遺産分割協議は法律行為であり、意思決定能力を欠いている場合行うことができない。

相続人に認知症の人がいると、

遺産分割ができない。

一般的に相続手続きでは相続する人全員で話し合って遺産をどう分けるか決める。 法律で決まっている割合だと、相続する人同士の意思が反映されないので、納得がいかない場合がある。自分たちの好きなように決めたいと思うのが当然。

しかし、判断能力がない人がいると遺産分割ができないので自由な分け方ができなくなる。

それ以外にも、

本来なら税理士が相続税がかからない有利な遺産分割協議内容を決めて税務署へ申告するが、それができないために選択肢が狭まってしまう。

また、不動産所有者が相続人共有となってしまう。 不動産はなるべく権利関係を複雑にしない方がよいとされている。

このように見てくると、自分たちがいかに契約行為に基づいた社会生活を送っているのかがわかる。

同時に、自分で判断できないことはこの高度な現代において限りなく制限のある生活を強いられかねない。

成年後見制度の問題点

後見人の申し立てを行う場合、申し立てを行なった家族の希望通り後見人が選ばれるとは限らない。 家庭裁判所が不適任と判断した場合は、専門職後見人が選ばれることになる。

幸いにして子どもが選任されたとしても、多くの場合は成年後見監督人(弁護士や司法書士など)が付くこととなる。

不正に本人の財産が使い込まれることを防ぐため、最近では専門後見人が選ばれることが一般的になっってきているという。

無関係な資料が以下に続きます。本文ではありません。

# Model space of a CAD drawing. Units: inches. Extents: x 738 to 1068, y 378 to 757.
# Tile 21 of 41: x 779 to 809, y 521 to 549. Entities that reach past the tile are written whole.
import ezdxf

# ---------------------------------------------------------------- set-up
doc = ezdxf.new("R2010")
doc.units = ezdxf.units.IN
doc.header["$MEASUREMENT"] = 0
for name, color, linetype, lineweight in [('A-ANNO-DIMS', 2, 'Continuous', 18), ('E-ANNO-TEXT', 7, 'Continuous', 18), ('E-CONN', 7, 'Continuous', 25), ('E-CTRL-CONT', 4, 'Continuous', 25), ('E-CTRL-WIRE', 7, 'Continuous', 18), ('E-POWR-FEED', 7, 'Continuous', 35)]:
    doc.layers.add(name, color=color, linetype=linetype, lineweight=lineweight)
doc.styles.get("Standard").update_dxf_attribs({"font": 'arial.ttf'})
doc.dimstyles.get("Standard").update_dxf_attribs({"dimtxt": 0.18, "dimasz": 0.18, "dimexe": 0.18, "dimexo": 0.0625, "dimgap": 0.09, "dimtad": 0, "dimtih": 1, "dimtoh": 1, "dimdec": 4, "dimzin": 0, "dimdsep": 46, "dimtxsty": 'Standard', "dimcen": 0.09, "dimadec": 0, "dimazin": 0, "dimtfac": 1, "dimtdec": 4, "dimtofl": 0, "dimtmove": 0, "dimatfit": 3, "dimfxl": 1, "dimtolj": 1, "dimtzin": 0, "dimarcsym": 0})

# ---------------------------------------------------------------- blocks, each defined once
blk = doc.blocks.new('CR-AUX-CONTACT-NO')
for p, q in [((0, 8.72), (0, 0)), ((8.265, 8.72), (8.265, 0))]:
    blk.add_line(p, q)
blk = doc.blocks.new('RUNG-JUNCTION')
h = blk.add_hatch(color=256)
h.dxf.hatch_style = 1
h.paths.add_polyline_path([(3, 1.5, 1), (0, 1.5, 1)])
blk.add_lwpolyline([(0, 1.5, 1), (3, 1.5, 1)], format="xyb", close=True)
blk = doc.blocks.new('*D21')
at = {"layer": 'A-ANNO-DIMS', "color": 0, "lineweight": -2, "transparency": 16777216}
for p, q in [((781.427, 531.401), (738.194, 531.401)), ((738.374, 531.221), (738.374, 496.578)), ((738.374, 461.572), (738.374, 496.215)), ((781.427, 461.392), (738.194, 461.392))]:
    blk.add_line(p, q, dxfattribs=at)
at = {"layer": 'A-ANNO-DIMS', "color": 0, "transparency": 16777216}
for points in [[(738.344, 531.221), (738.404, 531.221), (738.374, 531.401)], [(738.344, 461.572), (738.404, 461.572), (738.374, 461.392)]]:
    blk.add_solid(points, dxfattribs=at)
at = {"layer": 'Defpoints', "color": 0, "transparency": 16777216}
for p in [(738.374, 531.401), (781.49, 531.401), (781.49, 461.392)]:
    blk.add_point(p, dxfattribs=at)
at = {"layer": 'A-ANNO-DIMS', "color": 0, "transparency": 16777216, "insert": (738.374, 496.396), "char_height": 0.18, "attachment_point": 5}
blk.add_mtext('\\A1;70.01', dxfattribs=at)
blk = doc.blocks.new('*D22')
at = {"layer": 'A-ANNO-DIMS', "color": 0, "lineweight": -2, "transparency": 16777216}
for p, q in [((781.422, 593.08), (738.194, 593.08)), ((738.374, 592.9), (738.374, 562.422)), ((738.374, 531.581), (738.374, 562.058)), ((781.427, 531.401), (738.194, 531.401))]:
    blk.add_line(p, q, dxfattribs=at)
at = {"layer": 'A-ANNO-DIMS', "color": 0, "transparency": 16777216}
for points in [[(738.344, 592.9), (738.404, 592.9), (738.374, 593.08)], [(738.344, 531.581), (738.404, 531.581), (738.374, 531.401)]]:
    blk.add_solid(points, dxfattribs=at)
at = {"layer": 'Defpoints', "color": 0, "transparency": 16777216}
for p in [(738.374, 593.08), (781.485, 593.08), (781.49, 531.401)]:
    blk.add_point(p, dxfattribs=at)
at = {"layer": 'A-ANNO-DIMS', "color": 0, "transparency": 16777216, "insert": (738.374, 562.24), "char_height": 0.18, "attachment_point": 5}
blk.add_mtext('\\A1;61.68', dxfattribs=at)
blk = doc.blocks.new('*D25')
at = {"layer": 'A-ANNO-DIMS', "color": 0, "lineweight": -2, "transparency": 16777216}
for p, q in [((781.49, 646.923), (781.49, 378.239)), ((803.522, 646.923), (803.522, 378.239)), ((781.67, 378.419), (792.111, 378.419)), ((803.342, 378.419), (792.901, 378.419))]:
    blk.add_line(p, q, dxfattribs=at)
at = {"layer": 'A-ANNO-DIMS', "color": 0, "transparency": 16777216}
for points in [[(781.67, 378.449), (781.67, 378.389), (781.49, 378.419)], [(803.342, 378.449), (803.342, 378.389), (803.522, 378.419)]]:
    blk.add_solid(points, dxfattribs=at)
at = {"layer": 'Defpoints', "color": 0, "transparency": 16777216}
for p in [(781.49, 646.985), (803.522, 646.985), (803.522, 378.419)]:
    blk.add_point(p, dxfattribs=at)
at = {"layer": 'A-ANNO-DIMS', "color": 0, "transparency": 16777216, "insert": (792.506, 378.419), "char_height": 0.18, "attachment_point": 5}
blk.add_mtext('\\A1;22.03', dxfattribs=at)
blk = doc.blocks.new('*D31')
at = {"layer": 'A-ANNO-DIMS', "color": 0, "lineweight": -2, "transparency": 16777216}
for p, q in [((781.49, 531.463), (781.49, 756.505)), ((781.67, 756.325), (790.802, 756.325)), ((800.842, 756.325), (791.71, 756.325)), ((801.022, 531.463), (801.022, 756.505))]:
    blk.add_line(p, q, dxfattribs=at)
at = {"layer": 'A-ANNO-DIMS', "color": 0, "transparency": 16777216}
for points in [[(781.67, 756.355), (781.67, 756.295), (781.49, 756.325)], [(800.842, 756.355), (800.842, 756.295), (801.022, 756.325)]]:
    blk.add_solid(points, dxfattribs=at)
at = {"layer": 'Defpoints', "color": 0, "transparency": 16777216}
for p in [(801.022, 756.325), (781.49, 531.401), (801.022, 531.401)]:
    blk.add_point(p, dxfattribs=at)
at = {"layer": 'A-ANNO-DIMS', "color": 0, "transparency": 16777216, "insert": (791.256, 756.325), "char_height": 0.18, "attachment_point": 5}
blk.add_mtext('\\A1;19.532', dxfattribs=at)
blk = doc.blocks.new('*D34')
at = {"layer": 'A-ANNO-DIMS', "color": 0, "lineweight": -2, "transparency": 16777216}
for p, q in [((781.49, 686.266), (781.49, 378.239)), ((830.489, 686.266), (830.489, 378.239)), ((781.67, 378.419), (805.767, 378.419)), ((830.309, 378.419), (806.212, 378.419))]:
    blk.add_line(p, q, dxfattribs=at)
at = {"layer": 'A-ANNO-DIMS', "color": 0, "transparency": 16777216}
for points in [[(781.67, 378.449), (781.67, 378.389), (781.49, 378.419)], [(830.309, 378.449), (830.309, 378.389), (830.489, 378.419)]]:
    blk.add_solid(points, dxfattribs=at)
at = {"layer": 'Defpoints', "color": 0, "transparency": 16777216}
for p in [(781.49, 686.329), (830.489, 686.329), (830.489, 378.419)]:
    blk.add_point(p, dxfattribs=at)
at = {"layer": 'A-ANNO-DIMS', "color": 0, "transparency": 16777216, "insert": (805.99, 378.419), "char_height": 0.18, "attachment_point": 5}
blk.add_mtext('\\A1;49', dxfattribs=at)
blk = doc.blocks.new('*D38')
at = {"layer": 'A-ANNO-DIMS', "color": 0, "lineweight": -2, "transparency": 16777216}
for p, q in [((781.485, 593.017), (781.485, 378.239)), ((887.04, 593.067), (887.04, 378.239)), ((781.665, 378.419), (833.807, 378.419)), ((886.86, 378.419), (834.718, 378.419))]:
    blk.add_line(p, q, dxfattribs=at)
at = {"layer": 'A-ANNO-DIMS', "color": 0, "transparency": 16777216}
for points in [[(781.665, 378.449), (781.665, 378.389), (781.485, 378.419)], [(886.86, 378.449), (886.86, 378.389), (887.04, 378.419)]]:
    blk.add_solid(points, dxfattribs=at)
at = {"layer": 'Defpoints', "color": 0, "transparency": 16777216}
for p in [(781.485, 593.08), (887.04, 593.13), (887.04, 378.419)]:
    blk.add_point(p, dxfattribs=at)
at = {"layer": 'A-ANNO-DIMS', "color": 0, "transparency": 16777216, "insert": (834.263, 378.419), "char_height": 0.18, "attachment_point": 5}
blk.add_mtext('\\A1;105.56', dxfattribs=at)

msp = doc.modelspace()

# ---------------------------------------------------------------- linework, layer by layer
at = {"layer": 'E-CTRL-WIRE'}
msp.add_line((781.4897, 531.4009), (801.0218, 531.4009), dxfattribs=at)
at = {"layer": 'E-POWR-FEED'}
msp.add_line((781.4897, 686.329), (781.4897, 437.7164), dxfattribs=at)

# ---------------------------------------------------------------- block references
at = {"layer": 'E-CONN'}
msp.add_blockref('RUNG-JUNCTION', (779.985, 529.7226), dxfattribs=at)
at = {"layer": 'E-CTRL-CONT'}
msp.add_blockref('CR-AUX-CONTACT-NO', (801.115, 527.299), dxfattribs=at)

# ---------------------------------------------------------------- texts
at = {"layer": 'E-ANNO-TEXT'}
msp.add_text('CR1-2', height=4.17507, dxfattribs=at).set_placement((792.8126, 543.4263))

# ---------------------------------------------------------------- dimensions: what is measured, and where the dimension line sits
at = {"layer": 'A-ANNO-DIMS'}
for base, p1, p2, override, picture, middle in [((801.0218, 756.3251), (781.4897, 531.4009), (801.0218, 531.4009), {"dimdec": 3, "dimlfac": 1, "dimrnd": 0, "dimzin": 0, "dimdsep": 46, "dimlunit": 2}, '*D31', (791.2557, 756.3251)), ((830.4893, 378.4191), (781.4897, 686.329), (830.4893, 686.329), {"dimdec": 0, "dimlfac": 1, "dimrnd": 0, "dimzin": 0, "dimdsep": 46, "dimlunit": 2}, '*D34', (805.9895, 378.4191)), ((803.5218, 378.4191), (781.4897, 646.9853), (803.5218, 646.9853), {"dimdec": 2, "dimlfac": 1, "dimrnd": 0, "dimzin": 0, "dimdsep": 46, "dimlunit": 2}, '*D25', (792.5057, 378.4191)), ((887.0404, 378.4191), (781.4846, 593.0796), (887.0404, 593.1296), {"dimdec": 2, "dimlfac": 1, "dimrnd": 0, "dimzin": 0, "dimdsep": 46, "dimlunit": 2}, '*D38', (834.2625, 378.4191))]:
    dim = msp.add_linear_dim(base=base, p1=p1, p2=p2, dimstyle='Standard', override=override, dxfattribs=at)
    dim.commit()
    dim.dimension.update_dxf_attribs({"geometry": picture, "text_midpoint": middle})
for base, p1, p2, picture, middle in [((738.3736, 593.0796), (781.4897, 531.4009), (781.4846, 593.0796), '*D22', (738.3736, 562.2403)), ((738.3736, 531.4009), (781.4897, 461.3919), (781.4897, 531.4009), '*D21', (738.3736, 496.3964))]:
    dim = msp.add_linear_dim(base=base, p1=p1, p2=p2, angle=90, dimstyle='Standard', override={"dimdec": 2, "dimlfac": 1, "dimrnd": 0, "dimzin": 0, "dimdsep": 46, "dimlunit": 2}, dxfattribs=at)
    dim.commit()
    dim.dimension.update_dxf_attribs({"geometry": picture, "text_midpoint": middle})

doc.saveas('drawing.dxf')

「子どもが選任されないならこの制度は使わない」とか「成年後見監督人は不要です」などの主張は認められない。

誰が選ばれるかは申立後1〜2gヶ月後に届く「審判書」に書かれている。 「審判書」を見るまでは、誰が後見人になるかわからないのだ。

専門職後見人や成年後見監督人が付くと何が問題なのか。

もっともネックとなるのが報酬が発生するという点。 月に2、3万、年額24万程度の支払いが生じてしまう。

また、専門職後見人が選ばれてしまうと、家族であっても後見を受けている本人の財産のチェックができなくなってしまう。

必要な費用だけを与えられることとなり、それ以外の費用は都度、支払いを認めてもらわなければならなくなる。

専門職後見人や監督人との相性が悪い場合も、利用者側からは変えることができない。

柔軟性がなく、不便な点も多くある。

制度を利用する前に、本当に成年後見制度を使う必要があるか、ほかに代替手段はないかと、よく検討してみる必要があるだろう。

一番身近な相談窓口として、社会福祉協議会地域包括支援センター、市役所などが挙げられるがそこでは制度を利用する前提で最初から話が進んでしまいかねない。

相談する場所を間違えないようにしたい。

本人とその家族が、幸せに普通に社会で生活をおくること。 本人の財産が、正当に守られること。

安心して年取るのって決して楽じゃあないわ。